Le scénario que je crains, c’est que 4 citoyens sur 10 se retrouvent en situation de précarité. Quand il reste 50 à 60% de leur budget, les ménages font des arbitrages et économisent là où ils le peuvent (les vacances, les vêtements…). Mais à partir de 40%, les problèmes alimentaires se posent avec beaucoup d’acuité.

Certes, les prix du gaz et des matières premières vont finir par se tasser à un moment ou un autre, mais le problème avec l’inflation, c’est que c’est un mécanisme à lente détente. Quand un choc se produit, il faut toujours un certain temps avant qu’une baisse des prix du marché se répercute sur les consommateurs.

A cela, il faut ajouter un autre phénomène très inquiétant qui touchera durement l’emploi et les moyens de subsistance : de nombreuses entreprises vont devoir fermer, parce que le prix de l’énergie ne leur permet plus d’être compétitives.

L’avenir s’annonce fort sombre pour nombre de nos concitoyens et les Banques Alimentaires auront un rôle essentiel à jouer pour leur venir en aide.

L’Etat devrait donc jouer un rôle plus important pour amortir l’impact de cette crise ?

J’ai écrit un livre qui va bientôt sortir à ce sujet. La Belgique a perdu les attributs de l’Etat social au profit de l’illusion que l’économie de marché allait tout résoudre. Or, 40 ans plus tard, on s’aperçoit que l’économie de marché ne résout pas les problèmes vécus par des citoyens qui ne reçoivent pas ce qu’ils sont en droit d’attendre d’un Etat social. Pour moi, c’est une véritable catastrophe.

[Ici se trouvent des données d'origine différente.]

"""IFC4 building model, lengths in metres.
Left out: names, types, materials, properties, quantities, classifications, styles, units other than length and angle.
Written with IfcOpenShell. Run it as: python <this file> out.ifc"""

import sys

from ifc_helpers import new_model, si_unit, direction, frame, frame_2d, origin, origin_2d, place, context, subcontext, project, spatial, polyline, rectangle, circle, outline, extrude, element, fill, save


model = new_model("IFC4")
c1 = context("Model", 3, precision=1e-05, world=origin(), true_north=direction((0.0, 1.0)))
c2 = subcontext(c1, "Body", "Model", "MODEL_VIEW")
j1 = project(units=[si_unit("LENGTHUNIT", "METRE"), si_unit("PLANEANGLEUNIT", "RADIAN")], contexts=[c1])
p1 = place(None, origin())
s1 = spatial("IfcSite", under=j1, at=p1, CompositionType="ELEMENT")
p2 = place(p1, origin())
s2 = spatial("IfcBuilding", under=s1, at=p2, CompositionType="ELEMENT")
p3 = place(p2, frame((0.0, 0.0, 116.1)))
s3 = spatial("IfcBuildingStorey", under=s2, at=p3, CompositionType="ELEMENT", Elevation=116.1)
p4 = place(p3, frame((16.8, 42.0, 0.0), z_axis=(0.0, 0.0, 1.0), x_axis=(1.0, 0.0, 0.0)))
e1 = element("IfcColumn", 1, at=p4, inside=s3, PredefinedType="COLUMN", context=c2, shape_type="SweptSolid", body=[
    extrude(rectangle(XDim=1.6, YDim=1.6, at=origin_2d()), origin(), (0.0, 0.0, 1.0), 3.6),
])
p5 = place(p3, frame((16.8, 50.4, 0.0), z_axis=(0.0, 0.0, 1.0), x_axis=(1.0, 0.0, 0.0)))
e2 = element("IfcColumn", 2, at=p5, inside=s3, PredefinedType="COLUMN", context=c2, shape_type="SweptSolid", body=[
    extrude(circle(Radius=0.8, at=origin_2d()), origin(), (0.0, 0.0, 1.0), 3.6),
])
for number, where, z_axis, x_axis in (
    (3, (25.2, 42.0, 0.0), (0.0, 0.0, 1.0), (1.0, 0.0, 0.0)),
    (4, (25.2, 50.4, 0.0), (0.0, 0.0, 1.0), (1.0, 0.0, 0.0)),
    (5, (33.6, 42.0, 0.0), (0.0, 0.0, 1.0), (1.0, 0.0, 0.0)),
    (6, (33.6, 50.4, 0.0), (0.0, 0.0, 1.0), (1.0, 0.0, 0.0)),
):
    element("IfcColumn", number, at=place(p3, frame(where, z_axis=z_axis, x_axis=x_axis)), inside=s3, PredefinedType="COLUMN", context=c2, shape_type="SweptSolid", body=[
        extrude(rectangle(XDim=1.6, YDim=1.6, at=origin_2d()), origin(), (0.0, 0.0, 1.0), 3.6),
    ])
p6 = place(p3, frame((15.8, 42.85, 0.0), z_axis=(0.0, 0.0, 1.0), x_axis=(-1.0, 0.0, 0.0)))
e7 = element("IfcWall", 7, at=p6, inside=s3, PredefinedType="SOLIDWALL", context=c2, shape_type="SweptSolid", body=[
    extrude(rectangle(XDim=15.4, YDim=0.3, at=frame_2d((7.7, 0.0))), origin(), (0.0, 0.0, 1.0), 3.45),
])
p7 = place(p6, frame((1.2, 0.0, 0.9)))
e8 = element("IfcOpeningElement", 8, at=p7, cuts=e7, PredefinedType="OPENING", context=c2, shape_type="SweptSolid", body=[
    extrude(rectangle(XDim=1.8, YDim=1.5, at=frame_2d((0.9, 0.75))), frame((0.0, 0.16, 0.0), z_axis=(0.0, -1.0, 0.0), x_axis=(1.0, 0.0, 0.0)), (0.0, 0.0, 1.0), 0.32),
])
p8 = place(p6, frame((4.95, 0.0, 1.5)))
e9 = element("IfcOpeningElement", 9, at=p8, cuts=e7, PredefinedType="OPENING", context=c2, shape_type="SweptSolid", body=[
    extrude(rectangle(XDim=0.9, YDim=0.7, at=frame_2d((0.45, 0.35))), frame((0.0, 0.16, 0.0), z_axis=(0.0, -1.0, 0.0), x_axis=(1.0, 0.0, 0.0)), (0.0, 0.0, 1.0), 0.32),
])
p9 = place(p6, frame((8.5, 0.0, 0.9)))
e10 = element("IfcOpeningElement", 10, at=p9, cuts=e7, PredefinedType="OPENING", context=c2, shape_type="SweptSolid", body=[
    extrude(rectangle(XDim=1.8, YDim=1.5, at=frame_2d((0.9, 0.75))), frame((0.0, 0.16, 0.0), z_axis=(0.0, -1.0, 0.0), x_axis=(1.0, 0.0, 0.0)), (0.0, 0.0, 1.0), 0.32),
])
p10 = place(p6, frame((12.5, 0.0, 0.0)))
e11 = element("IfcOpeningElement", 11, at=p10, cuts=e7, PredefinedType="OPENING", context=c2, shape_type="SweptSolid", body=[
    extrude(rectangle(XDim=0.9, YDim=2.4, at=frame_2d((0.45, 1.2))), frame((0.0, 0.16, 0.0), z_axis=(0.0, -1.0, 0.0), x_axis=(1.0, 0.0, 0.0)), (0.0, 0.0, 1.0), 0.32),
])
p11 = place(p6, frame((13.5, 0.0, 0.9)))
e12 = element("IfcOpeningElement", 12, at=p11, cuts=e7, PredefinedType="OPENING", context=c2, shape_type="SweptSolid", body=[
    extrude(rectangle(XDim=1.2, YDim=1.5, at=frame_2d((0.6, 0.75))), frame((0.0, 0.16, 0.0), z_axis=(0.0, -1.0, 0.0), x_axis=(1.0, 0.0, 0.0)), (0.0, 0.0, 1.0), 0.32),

Il va falloir passer par une réhabilitation de l’Etat dans les cinq prochaines années. Vous verrez que l’on entendra à nouveau parler de régulation, voire de nationalisation, pour éviter une paupérisation plus grave encore de la population.

Peut-on parler de bombe sociale ?

Certainement. Le problème avec la Belgique, c’est que ce n’est pas un pays de révolution. Chez nous, la pauvreté est vécue comme une honte. L’héritage catholique veut que l’on porte sa croix et que l’on souffre en silence. Donc, à défaut de se révolter, on peut craindre que le peuple belge se résigne… Alors qu’en France, pays sécularisé, laïc depuis plus d’un siècle, cela va secouer !

Moi, je viens d’un milieu qui a été précarisé dans les années 1960-1970. J’en ai gardé un mode de vie très simple, pour ainsi dire ascétique. Je me souviens très bien qu’en 1973, au moment de la première crise du pétrole, ma mère a décrété qu’on coupait le chauffage! Nous mettions des gros pulls et nous vivions simplement. Et parfois, c’était difficile en tant qu’enfant de soutenir le regard des autres.

Davantage de régulation et d’intervention de l’Etat, c’est possible ?

C’est tout à fait possible ! Seulement, il va falloir s’interroger sur le modèle de société dans lequel on veut vivre.

A partir du moment où, en Belgique, l’Etat s’est dépouillé de tous ses attributs et n’a pas su nouer de partenariat intelligent avec les sociétés privées, on risque de se retrouver dans une confrontation violente entre l’image de ce que l’Etat devrait apporter et la dure réalité.

Immanquablement, nos sociétés vont virer plus « à gauche », avec davantage d’aide aux plus pauvres et de taxes pour les plus nantis.

Vous évoquez un partenariat intelligent entre l’Etat et les entreprises privées. Quelle forme pourrait-il prendre ?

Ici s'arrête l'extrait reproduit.